Thanks, you ans my question. Everything you said about Hydro went wayyyy over my head. I love dirt and worm castings. Water every two days, feed every 5 to 7 days,  Transplant twice. Done.


----------



## Stoney Bud (Dec 3, 2007)

I've got to clear up a possible misunderstanding about Hydroponic growing.

Like anything, it can be as easy as possible or with a lot of added complication.

For example: If you were to go to the store. Sounds easy.

Here's the right way:

1. Leave and lock house. Get in car. Go to store.


Here's the way some Hydroponic growers think at first:

1. List every possible thing that could ever go wrong when you leave your house to go to the store. This list should have at least 200 things listed on it.

2. List every thing that has ever gone wrong with a car. Study every part of the car until you can rebuild it. Then, do a major overhaul on the car to include blueprinting the engine. Have a race car mechanic come by and do all this work at 500 bucks an hour.

3. Study every map ever drawn of your area. Study the cops routine and make a trip map that shows how to avoid every possible contingency.

4. Hire a "road guide". This guy should get at least 50 bucks an hour during the entire planning time.

5. Call the State, County and City road departments and have them fix every single defect in the roads between your house and the store.

6. .....well, you see where this is going...

Hydroponics is the same. Here's how I've done it for more than 25 years:

1. Use Stoney's 4 unit hydro ebb and flow system in the DIY area.

2. Set it up, wipe it down with some rubbing alcohol.

3. Fill the reservoir, fill the tubs with hydroton and put your rooted plants in.

4. Use a quality nutrient. That's "NUTRIENT" not "NUTRIENTS". Keep it simple.

5. Turn on pump, timer and lights.

6. Top off the reservoir every couple of days with fresh mixed nutes.

7. Start your flowering nutes when flowering starts.

8. Harvest.

Notice that I've sized my reservoir so that no changing of nutes is required until after harvest.

Notice I do no other maintenance.

Notice that I didn't mention a pH meter. I've never even seen one in real life.

Notice that what I do is simple.

OR

You can add 500 other steps, worry yourself sick over the things that will never happen and work yourself to death doing unnecessary things during your grow.

The "KIS" method is the best method.

I spend 15 minutes a day in my grow room. I raise the lights if needed and top off the reservoir. That's it.

"KEEP IT SIMPLE" = KIS

Nutrients and lights are the only two expensive items needed.

Understanding HOW MJ grows is the most important step in any methods.

Do a simple dirt grow first. Learn how MJ grows.
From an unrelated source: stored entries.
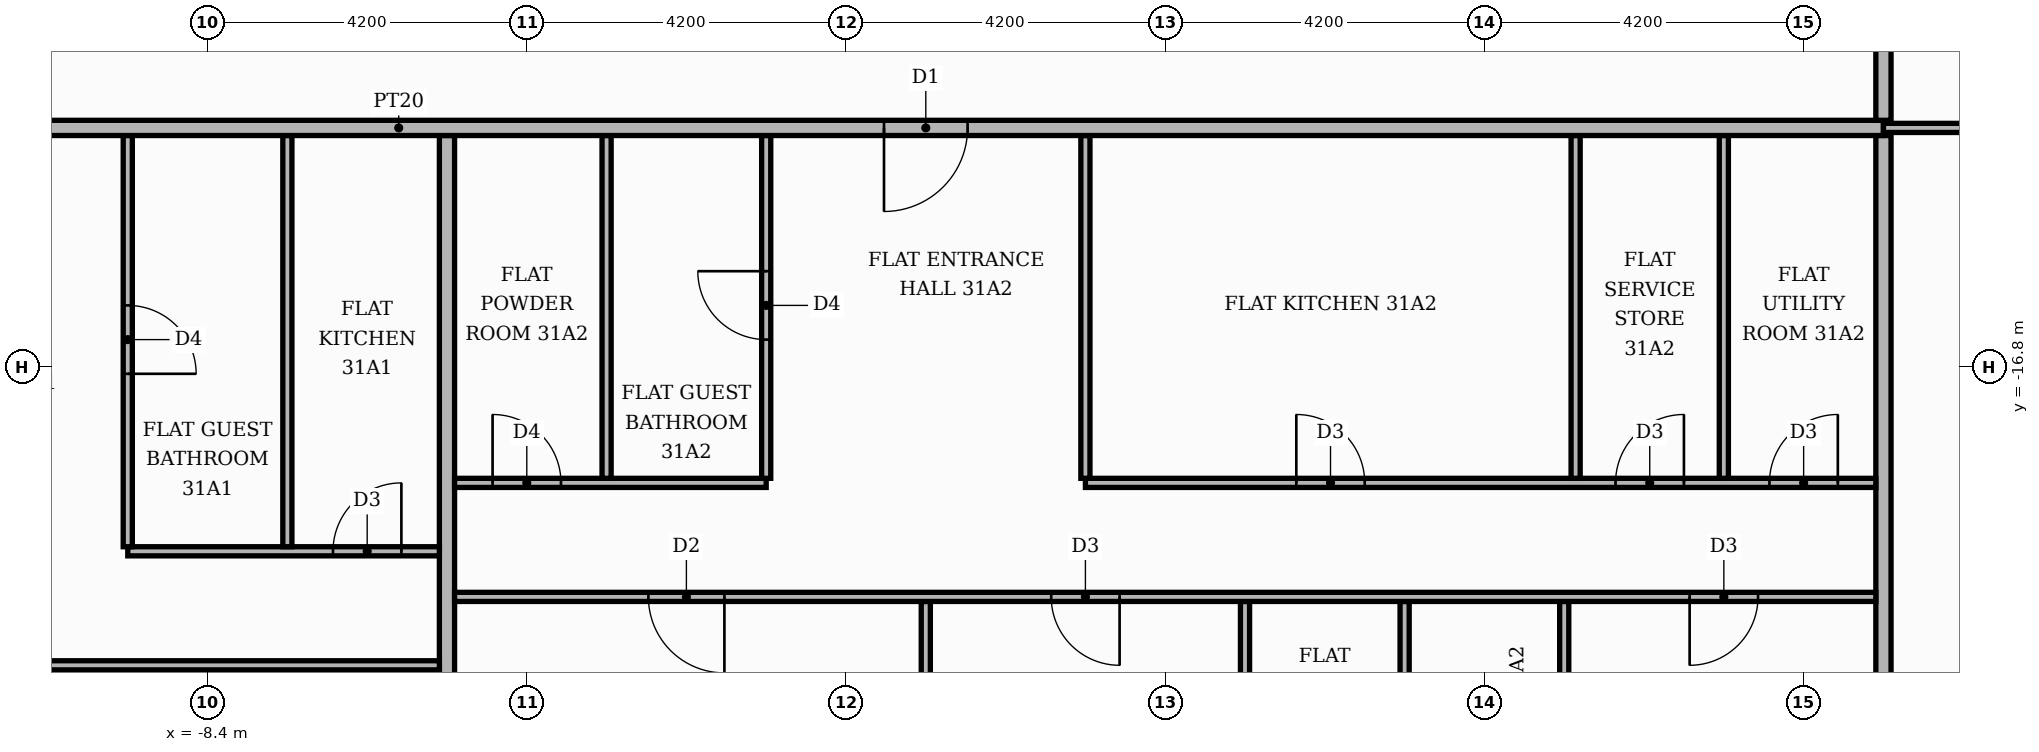
"""IFC4 building model, lengths in metres.
Left out: names, types, materials, properties, quantities, classifications, styles, units other than length and angle.
Written with IfcOpenShell. Run it as: python <this file> out.ifc"""

import sys

from ifc_helpers import new_model, si_unit, direction, frame, frame_2d, origin, place, context, subcontext, project, spatial, rectangle, extrude, element, fill, save


model = new_model("IFC4")
c1 = context("Model", 3, precision=1e-05, world=origin(), true_north=direction((0.0, 1.0)))
c2 = subcontext(c1, "Body", "Model", "MODEL_VIEW")
j1 = project(units=[si_unit("LENGTHUNIT", "METRE"), si_unit("PLANEANGLEUNIT", "RADIAN")], contexts=[c1])
p1 = place(None, origin())
s1 = spatial("IfcSite", under=j1, at=p1, CompositionType="ELEMENT")
p2 = place(p1, origin())
s2 = spatial("IfcBuilding", under=s1, at=p2, CompositionType="ELEMENT")
p3 = place(p2, frame((0.0, 0.0, 133.8)))
s3 = spatial("IfcBuildingStorey", under=s2, at=p3, CompositionType="ELEMENT", Elevation=133.8)
p4 = place(p3, frame((-9.45, -25.42, 0.0), z_axis=(0.0, 0.0, 1.0), x_axis=(0.0, 1.0, 0.0)))
e1 = element("IfcWall", 1, at=p4, inside=s3, PredefinedType="PARTITIONING", context=c2, shape_type="SweptSolid", body=[
    extrude(rectangle(XDim=4.64, YDim=0.12, at=frame_2d((2.32, 0.0))), origin(), (0.0, 0.0, 1.0), 3.48),
])
p5 = place(p4, frame((1.75, 0.0, 0.0)))
e2 = element("IfcOpeningElement", 2, at=p5, cuts=e1, PredefinedType="OPENING", context=c2, shape_type="SweptSolid", body=[
    extrude(rectangle(XDim=0.9, YDim=2.1, at=frame_2d((0.45, 1.05))), frame((0.0, 0.07, 0.0), z_axis=(0.0, -1.0, 0.0), x_axis=(1.0, 0.0, 0.0)), (0.0, 0.0, 1.0), 0.14),
])
p6 = place(p3, frame((-7.35, -25.42, 0.0), z_axis=(0.0, 0.0, 1.0), x_axis=(0.0, 1.0, 0.0)))
e3 = element("IfcWall", 3, at=p6, inside=s3, PredefinedType="PARTITIONING", context=c2, shape_type="SweptSolid", body=[
    extrude(rectangle(XDim=4.64, YDim=0.12, at=frame_2d((2.32, 0.0))), origin(), (0.0, 0.0, 1.0), 3.48),
])
p7 = place(p6, frame((1.75, 0.0, 0.0)))
e4 = element("IfcOpeningElement", 4, at=p7, cuts=e3, PredefinedType="OPENING", context=c2, shape_type="SweptSolid", body=[
    extrude(rectangle(XDim=0.9, YDim=2.1, at=frame_2d((0.45, 1.05))), frame((0.0, 0.07, 0.0), z_axis=(0.0, -1.0, 0.0), x_axis=(1.0, 0.0, 0.0)), (0.0, 0.0, 1.0), 0.14),
])
p8 = place(p3, frame((-5.25, -25.42, 0.0), z_axis=(0.0, 0.0, 1.0), x_axis=(0.0, 1.0, 0.0)))
e5 = element("IfcWall", 5, at=p8, inside=s3, PredefinedType="PARTITIONING", context=c2, shape_type="SweptSolid", body=[
    extrude(rectangle(XDim=11.67, YDim=0.2, at=frame_2d((5.835, 0.0))), origin(), (0.0, 0.0, 1.0), 3.48),
])
p9 = place(p3, frame((1.05, -25.42, 0.0), z_axis=(0.0, 0.0, 1.0), x_axis=(0.0, 1.0, 0.0)))
e6 = element("IfcWall", 6, at=p9, inside=s3, PredefinedType="PARTITIONING", context=c2, shape_type="SweptSolid", body=[
    extrude(rectangle(XDim=5.54, YDim=0.12, at=frame_2d((2.77, 0.0))), origin(), (0.0, 0.0, 1.0), 3.48),
])
p10 = place(p3, frame((5.25, -25.42, 0.0), z_axis=(0.0, 0.0, 1.0), x_axis=(0.0, 1.0, 0.0)))
e7 = element("IfcWall", 7, at=p10, inside=s3, PredefinedType="PARTITIONING", context=c2, shape_type="SweptSolid", body=[
    extrude(rectangle(XDim=5.54, YDim=0.12, at=frame_2d((2.77, 0.0))), origin(), (0.0, 0.0, 1.0), 3.48),
])
p11 = place(p10, frame((2.2, 0.0, 0.0)))
e8 = element("IfcOpeningElement", 8, at=p11, cuts=e7, PredefinedType="OPENING", context=c2, shape_type="SweptSolid", body=[
    extrude(rectangle(XDim=0.9, YDim=2.1, at=frame_2d((0.45, 1.05))), frame((0.0, 0.07, 0.0), z_axis=(0.0, -1.0, 0.0), x_axis=(1.0, 0.0, 0.0)), (0.0, 0.0, 1.0), 0.14),
])
p12 = place(p3, frame((7.35, -25.42, 0.0), z_axis=(0.0, 0.0, 1.0), x_axis=(0.0, 1.0, 0.0)))
e9 = element("IfcWall", 9, at=p12, inside=s3, PredefinedType="PARTITIONING", context=c2, shape_type="SweptSolid", body=[
    extrude(rectangle(XDim=5.54, YDim=0.12, at=frame_2d((2.77, 0.0))), origin(), (0.0, 0.0, 1.0), 3.48),
])
p13 = place(p12, frame((2.2, 0.0, 0.0)))
e10 = element("IfcOpeningElement", 10, at=p13, cuts=e9, PredefinedType="OPENING", context=c2, shape_type="SweptSolid", body=[
    extrude(rectangle(XDim=0.9, YDim=2.1, at=frame_2d((0.45, 1.05))), frame((0.0, 0.07, 0.0), z_axis=(0.0, -1.0, 0.0), x_axis=(1.0, 0.0, 0.0)), (0.0, 0.0, 1.0), 0.14),
])
p14 = place(p3, frame((9.45, -25.42, 0.0), z_axis=(0.0, 0.0, 1.0), x_axis=(0.0, 1.0, 0.0)))
e11 = element("IfcWall", 11, at=p14, inside=s3, PredefinedType="PARTITIONING", context=c2, shape_type="SweptSolid", body=[
    extrude(rectangle(XDim=5.54, YDim=0.12, at=frame_2d((2.77, 0.0))), origin(), (0.0, 0.0, 1.0), 3.48),
])
p15 = place(p3, frame((13.65, -25.42, 0.0), z_axis=(0.0, 0.0, 1.0), x_axis=(0.0, 1.0, 0.0)))
e12 = element("IfcWall", 12, at=p15, inside=s3, PredefinedType="PARTITIONING", context=c2, shape_type="SweptSolid", body=[
    extrude(rectangle(XDim=11.67, YDim=0.2, at=frame_2d((5.835, 0.0))), origin(), (0.0, 0.0, 1.0), 3.48),
])
p16 = place(p3, frame((-25.42, -20.72, 0.0), z_axis=(0.0, 0.0, 1.0), x_axis=(1.0, 0.0, 0.0)))
e13 = element("IfcWall", 13, at=p16, inside=s3, PredefinedType="PARTITIONING", context=c2, shape_type="SweptSolid", body=[
    extrude(rectangle(XDim=20.07, YDim=0.12, at=frame_2d((10.035, 0.0))), origin(), (0.0, 0.0, 1.0), 3.48),
])
p17 = place(p16, frame((10.22, 0.0, 0.0)))
e14 = element("IfcOpeningElement", 14, at=p17, cuts=e13, PredefinedType="OPENING", context=c2, shape_type="SweptSolid", body=[
    extrude(rectangle(XDim=1.0, YDim=2.1, at=frame_2d((0.5, 1.05))), frame((0.0, 0.07, 0.0), z_axis=(0.0, -1.0, 0.0), x_axis=(1.0, 0.0, 0.0)), (0.0, 0.0, 1.0), 0.14),
])
p18 = place(p16, frame((13.42, 0.0, 0.0)))
e15 = element("IfcOpeningElement", 15, at=p18, cuts=e13, PredefinedType="OPENING", context=c2, shape_type="SweptSolid", body=[
    extrude(rectangle(XDim=0.9, YDim=2.1, at=frame_2d((0.45, 1.05))), frame((0.0, 0.07, 0.0), z_axis=(0.0, -1.0, 0.0), x_axis=(1.0, 0.0, 0.0)), (0.0, 0.0, 1.0), 0.14),
])
p19 = place(p3, frame((-5.15, -19.82, 0.0), z_axis=(0.0, 0.0, 1.0), x_axis=(1.0, 0.0, 0.0)))
e16 = element("IfcWall", 16, at=p19, inside=s3, PredefinedType="PARTITIONING", context=c2, shape_type="SweptSolid", body=[
    extrude(rectangle(XDim=18.7, YDim=0.12, at=frame_2d((9.35, 0.0))), origin(), (0.0, 0.0, 1.0), 3.48),
])
p20 = place(p19, frame((2.55, 0.0, 0.0)))
e17 = element("IfcOpeningElement", 17, at=p20, cuts=e16, PredefinedType="OPENING", context=c2, shape_type="SweptSolid", body=[
    extrude(rectangle(XDim=1.0, YDim=2.1, at=frame_2d((0.5, 1.05))), frame((0.0, 0.07, 0.0), z_axis=(0.0, -1.0, 0.0), x_axis=(1.0, 0.0, 0.0)), (0.0, 0.0, 1.0), 0.14),
])
p21 = place(p19, frame((7.85, 0.0, 0.0)))
e18 = element("IfcOpeningElement", 18, at=p21, cuts=e16, PredefinedType="OPENING", context=c2, shape_type="SweptSolid", body=[
    extrude(rectangle(XDim=0.9, YDim=2.1, at=frame_2d((0.45, 1.05))), frame((0.0, 0.07, 0.0), z_axis=(0.0, -1.0, 0.0), x_axis=(1.0, 0.0, 0.0)), (0.0, 0.0, 1.0), 0.14),
])
p22 = place(p19, frame((16.25, 0.0, 0.0)))
e19 = element("IfcOpeningElement", 19, at=p22, cuts=e16, PredefinedType="OPENING", context=c2, shape_type="SweptSolid", body=[
    extrude(rectangle(XDim=0.9, YDim=2.1, at=frame_2d((0.45, 1.05))), frame((0.0, 0.07, 0.0), z_axis=(0.0, -1.0, 0.0), x_axis=(1.0, 0.0, 0.0)), (0.0, 0.0, 1.0), 0.14),
])
p23 = place(p3, frame((-9.45, -19.22, 0.0), z_axis=(0.0, 0.0, 1.0), x_axis=(1.0, 0.0, 0.0)))
e20 = element("IfcWall", 20, at=p23, inside=s3, PredefinedType="PARTITIONING", context=c2, shape_type="SweptSolid", body=[
    extrude(rectangle(XDim=4.1, YDim=0.12, at=frame_2d((2.05, 0.0))), origin(), (0.0, 0.0, 1.0), 3.48),
])
p24 = place(p23, frame((2.7, 0.0, 0.0)))
e21 = element("IfcOpeningElement", 21, at=p24, cuts=e20, PredefinedType="OPENING", context=c2, shape_type="SweptSolid", body=[
    extrude(rectangle(XDim=0.9, YDim=2.1, at=frame_2d((0.45, 1.05))), frame((0.0, 0.07, 0.0), z_axis=(0.0, -1.0, 0.0), x_axis=(1.0, 0.0, 0.0)), (0.0, 0.0, 1.0), 0.14),
])
p25 = place(p3, frame((-9.45, -19.16, 0.0), z_axis=(0.0, 0.0, 1.0), x_axis=(0.0, 1.0, 0.0)))
e22 = element("IfcWall", 22, at=p25, inside=s3, PredefinedType="PARTITIONING", context=c2, shape_type="SweptSolid", body=[
    extrude(rectangle(XDim=5.41, YDim=0.12, at=frame_2d((2.705, 0.0))), origin(), (0.0, 0.0, 1.0), 3.48),
])
p26 = place(p25, frame((2.275, 0.0, 0.0)))
e23 = element("IfcOpeningElement", 23, at=p26, cuts=e22, PredefinedType="OPENING", context=c2, shape_type="SweptSolid", body=[
    extrude(rectangle(XDim=0.9, YDim=2.1, at=frame_2d((0.45, 1.05))), frame((0.0, 0.07, 0.0), z_axis=(0.0, -1.0, 0.0), x_axis=(1.0, 0.0, 0.0)), (0.0, 0.0, 1.0), 0.14),
])
p27 = place(p3, frame((-7.35, -19.16, 0.0), z_axis=(0.0, 0.0, 1.0), x_axis=(0.0, 1.0, 0.0)))
e24 = element("IfcWall", 24, at=p27, inside=s3, PredefinedType="PARTITIONING", context=c2, shape_type="SweptSolid", body=[
    extrude(rectangle(XDim=5.41, YDim=0.12, at=frame_2d((2.705, 0.0))), origin(), (0.0, 0.0, 1.0), 3.48),
])
p28 = place(p3, frame((-5.15, -18.32, 0.0), z_axis=(0.0, 0.0, 1.0), x_axis=(1.0, 0.0, 0.0)))
e25 = element("IfcWall", 25, at=p28, inside=s3, PredefinedType="PARTITIONING", context=c2, shape_type="SweptSolid", body=[
    extrude(rectangle(XDim=4.1, YDim=0.12, at=frame_2d((2.05, 0.0))), origin(), (0.0, 0.0, 1.0), 3.48),
])
p29 = place(p28, frame((0.5, 0.0, 0.0)))
e26 = element("IfcOpeningElement", 26, at=p29, cuts=e25, PredefinedType="OPENING", context=c2, shape_type="SweptSolid", body=[
    extrude(rectangle(XDim=0.9, YDim=2.1, at=frame_2d((0.45, 1.05))), frame((0.0, 0.07, 0.0), z_axis=(0.0, -1.0, 0.0), x_axis=(1.0, 0.0, 0.0)), (0.0, 0.0, 1.0), 0.14),
])
p30 = place(p3, frame((3.15, -18.32, 0.0), z_axis=(0.0, 0.0, 1.0), x_axis=(1.0, 0.0, 0.0)))
e27 = element("IfcWall", 27, at=p30, inside=s3, PredefinedType="PARTITIONING", context=c2, shape_type="SweptSolid", body=[
    extrude(rectangle(XDim=10.4, YDim=0.12, at=frame_2d((5.2, 0.0))), origin(), (0.0, 0.0, 1.0), 3.48),
])
p31 = place(p30, frame((2.775, 0.0, 0.0)))
e28 = element("IfcOpeningElement", 28, at=p31, cuts=e27, PredefinedType="OPENING", context=c2, shape_type="SweptSolid", body=[
    extrude(rectangle(XDim=0.9, YDim=2.1, at=frame_2d((0.45, 1.05))), frame((0.0, 0.07, 0.0), z_axis=(0.0, -1.0, 0.0), x_axis=(1.0, 0.0, 0.0)), (0.0, 0.0, 1.0), 0.14),
])
p32 = place(p30, frame((6.975, 0.0, 0.0)))
e29 = element("IfcOpeningElement", 29, at=p32, cuts=e27, PredefinedType="OPENING", context=c2, shape_type="SweptSolid", body=[
    extrude(rectangle(XDim=0.9, YDim=2.1, at=frame_2d((0.45, 1.05))), frame((0.0, 0.07, 0.0), z_axis=(0.0, -1.0, 0.0), x_axis=(1.0, 0.0, 0.0)), (0.0, 0.0, 1.0), 0.14),
])
p33 = place(p30, frame((9.0, 0.0, 0.0)))
e30 = element("IfcOpeningElement", 30, at=p33, cuts=e27, PredefinedType="OPENING", context=c2, shape_type="SweptSolid", body=[
    extrude(rectangle(XDim=0.9, YDim=2.1, at=frame_2d((0.45, 1.05))), frame((0.0, 0.07, 0.0), z_axis=(0.0, -1.0, 0.0), x_axis=(1.0, 0.0, 0.0)), (0.0, 0.0, 1.0), 0.14),
])
p34 = place(p3, frame((-3.15, -18.26, 0.0), z_axis=(0.0, 0.0, 1.0), x_axis=(0.0, 1.0, 0.0)))
e31 = element("IfcWall", 31, at=p34, inside=s3, PredefinedType="PARTITIONING", context=c2, shape_type="SweptSolid", body=[
    extrude(rectangle(XDim=4.51, YDim=0.12, at=frame_2d((2.255, 0.0))), origin(), (0.0, 0.0, 1.0), 3.48),
])
p35 = place(p3, frame((-1.05, -18.26, 0.0), z_axis=(0.0, 0.0, 1.0), x_axis=(0.0, 1.0, 0.0)))
e32 = element("IfcWall", 32, at=p35, inside=s3, PredefinedType="PARTITIONING", context=c2, shape_type="SweptSolid", body=[
    extrude(rectangle(XDim=4.51, YDim=0.12, at=frame_2d((2.255, 0.0))), origin(), (0.0, 0.0, 1.0), 3.48),
])
p36 = place(p35, frame((1.825, 0.0, 0.0)))
e33 = element("IfcOpeningElement", 33, at=p36, cuts=e32, PredefinedType="OPENING", context=c2, shape_type="SweptSolid", body=[
    extrude(rectangle(XDim=0.9, YDim=2.1, at=frame_2d((0.45, 1.05))), frame((0.0, 0.07, 0.0), z_axis=(0.0, -1.0, 0.0), x_axis=(1.0, 0.0, 0.0)), (0.0, 0.0, 1.0), 0.14),
])
for number, where, z_axis, x_axis in (
    (34, (3.15, -18.26, 0.0), (0.0, 0.0, 1.0), (0.0, 1.0, 0.0)),
    (35, (9.6, -18.26, 0.0), (0.0, 0.0, 1.0), (0.0, 1.0, 0.0)),
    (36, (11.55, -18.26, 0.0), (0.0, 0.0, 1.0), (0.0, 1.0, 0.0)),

Then get more complicated.

Good luck to all of you!


----------



## Growdude (Dec 3, 2007)

Hydro wins over dirt for me not only because it grows so much faster, is it seems easyer to know exactly what im giving the plants, in dirt you really dont know what your levels of nutes are, at least I never did.

I find it much easyer to correct any problems.

And for the people that say hydro dont taste like dirt Im telling you it doesnt matter, nobody ive ever smoked my weed with has ever even asked or sayed one word other than "this stuff is great" "man this tastes great" "It blew my wig off".

And at max 10 weeks for intire grow I get twice the smoke.


----------



## mr. green (Dec 3, 2007)

keep it simple drit

I like drit "Good thing's take time."


----------



## pyroguy (Dec 3, 2007)

i just completed a dwc grow and had the best results ive ever had. it wasnt hard just change water every 2 weeks. out side of that it was just like the soil grow. well, not exactly my plants were healthier


----------



## mr. green (Dec 3, 2007)

*Grow in soil i think is much more sweeter!*


----------



## stunzeed (Dec 3, 2007)

To me it is way easier. If there is a problem you change the water. If problem in dirt you flush and pray...... Its less mess to clean up. The yeild is not even a contest. To me there is no drawbacks at all.


Stunzeed..


----------



## JerryG1989 (Dec 3, 2007)

my first ever successful grow i had 1 hydro and 1 dirt plant from the same bagseed and i found the hydro was easier to grow, grew faster and could take much more nute/stress, where as the dirt plant i had trouble with in the beginning with feeding, but in the end the dirts smell/taste and color(purple)came out alot more in the dirt plant vs the hydro. so id say they both have their pros and cons

also the yeild od the dro was only slightly higher, got about 3/4 of an ounce of the dirt and an oounce off the hydro


----------